Decision Tree: This model has the lowest ROC-AUC score (0.7413), suggesting it's not as good at distinguishing between positive and negative classes compared to the other models. It has moderate scores for Matthews Correlation Coefficient (0.4783), Balanced Accuracy (0.7413), and Cohen's Kappa (0.4782), indicating that it's not handling the class imbalance very well.

SVM: The SVM model has a good ROC-AUC score (0.9148), but lower Matthews Correlation Coefficient (0.5000), Balanced Accuracy (0.6974), and Cohen's Kappa (0.4801) scores. These lower scores suggest that the SVM model could be improved in terms of handling class imbalance and agreement between predicted and actual classes.

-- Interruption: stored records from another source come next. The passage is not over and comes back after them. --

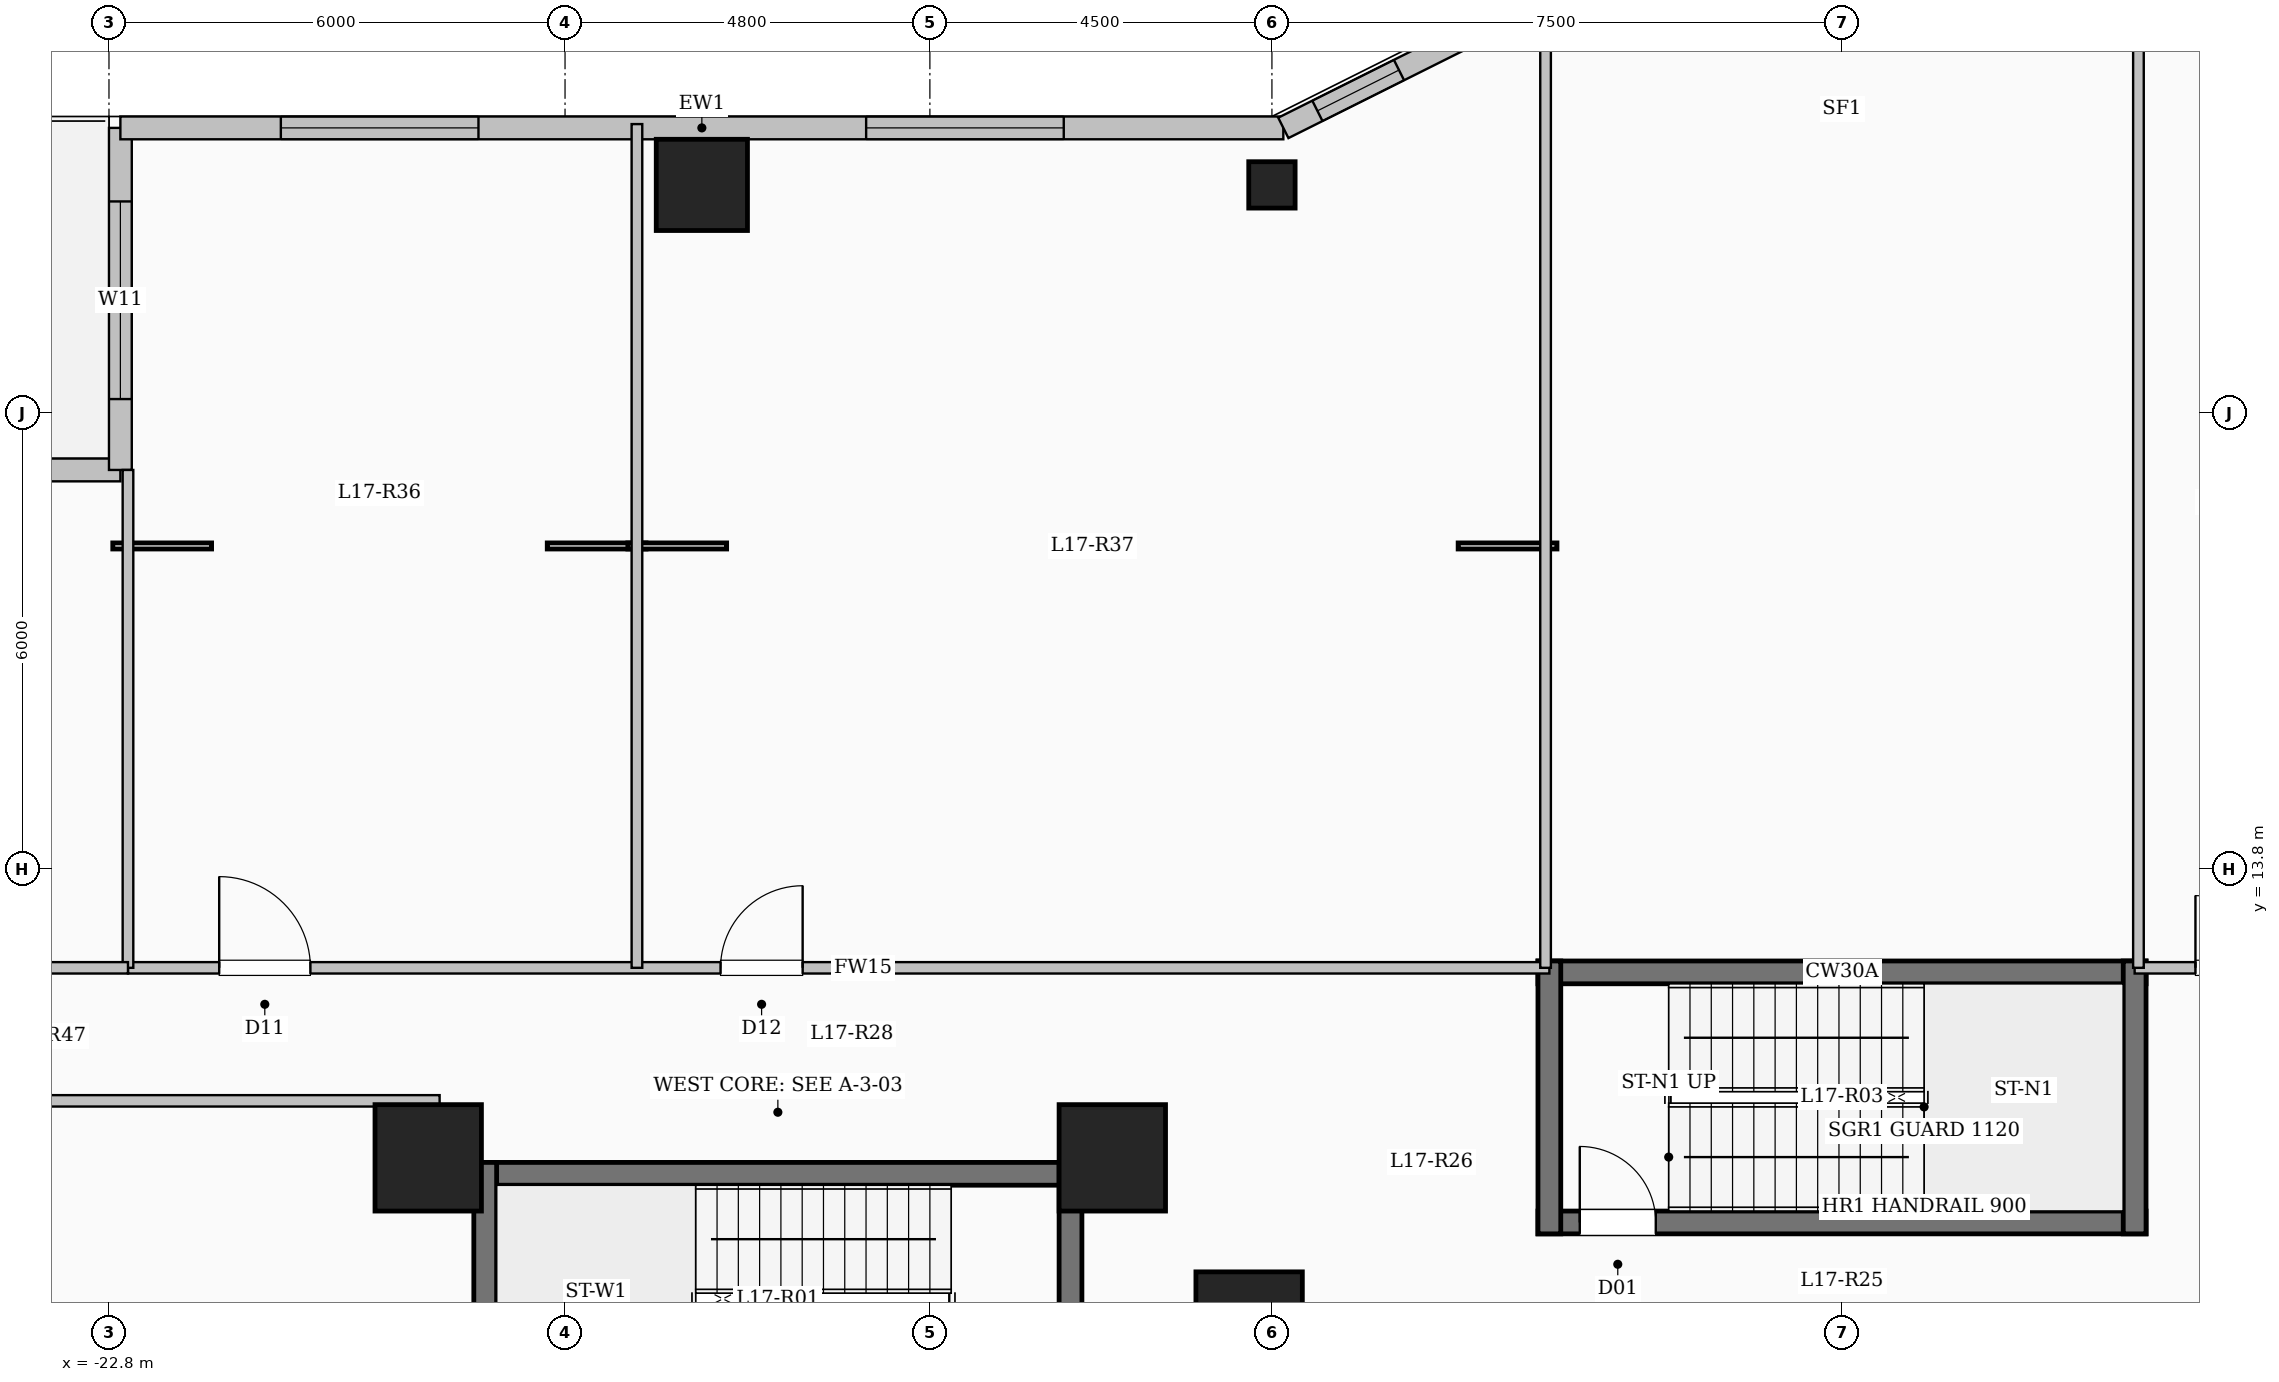
"""IFC4 building model, lengths in metres.
Left out: names, types, materials, properties, quantities, classifications, styles, units other than length and angle.
Written with IfcOpenShell. Run it as: python <this file> out.ifc"""

import sys

from ifc_helpers import new_model, si_unit, direction, frame, frame_2d, origin, origin_2d, place, context, subcontext, project, spatial, rectangle, hollow_circle, extrude, element, fill, save


model = new_model("IFC4")
c1 = context("Model", 3, precision=1e-05, world=origin(), true_north=direction((0.0, 1.0)))
c2 = subcontext(c1, "Body", "Model", "MODEL_VIEW")
j1 = project(units=[si_unit("LENGTHUNIT", "METRE"), si_unit("PLANEANGLEUNIT", "RADIAN")], contexts=[c1])
p1 = place(None, origin())
s1 = spatial("IfcSite", under=j1, at=p1, CompositionType="ELEMENT")
p2 = place(p1, origin())
s2 = spatial("IfcBuilding", under=s1, at=p2, CompositionType="ELEMENT")
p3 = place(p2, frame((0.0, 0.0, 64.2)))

Random Forest: This model has the highest ROC-AUC score (0.9473) among all models, indicating excellent performance in distinguishing between the positive and negative classes. It also has the highest Matthews Correlation Coefficient (0.5305), Balanced Accuracy (0.7301), and Cohen's Kappa (0.5224) scores, suggesting it's handling the class imbalance better than the other models and has better agreement between the predicted and actual classes.

KNN: The KNN model has a decent ROC-AUC score (0.8767) but lower Matthews Correlation Coefficient (0.4591), Balanced Accuracy (0.6995), and Cohen's Kappa (0.4523) scores. This indicates that the KNN model could be improved in terms of handling class imbalance and agreement between predicted and actual classes.

Overall, the Random Forest model appears to be the best performing model among the ones tested, considering all the evaluation metrics. However, there's still room for improvement in all the models, especially when it comes to handling class imbalance.

By considering these additional metrics, we can confirm that the Random Forest model is indeed the best-performing model among the ones tested, as it has the highest scores for all the evaluation metrics, including ROC-AUC. This reinforces our previous interpretation based on just the ROC-AUC scores.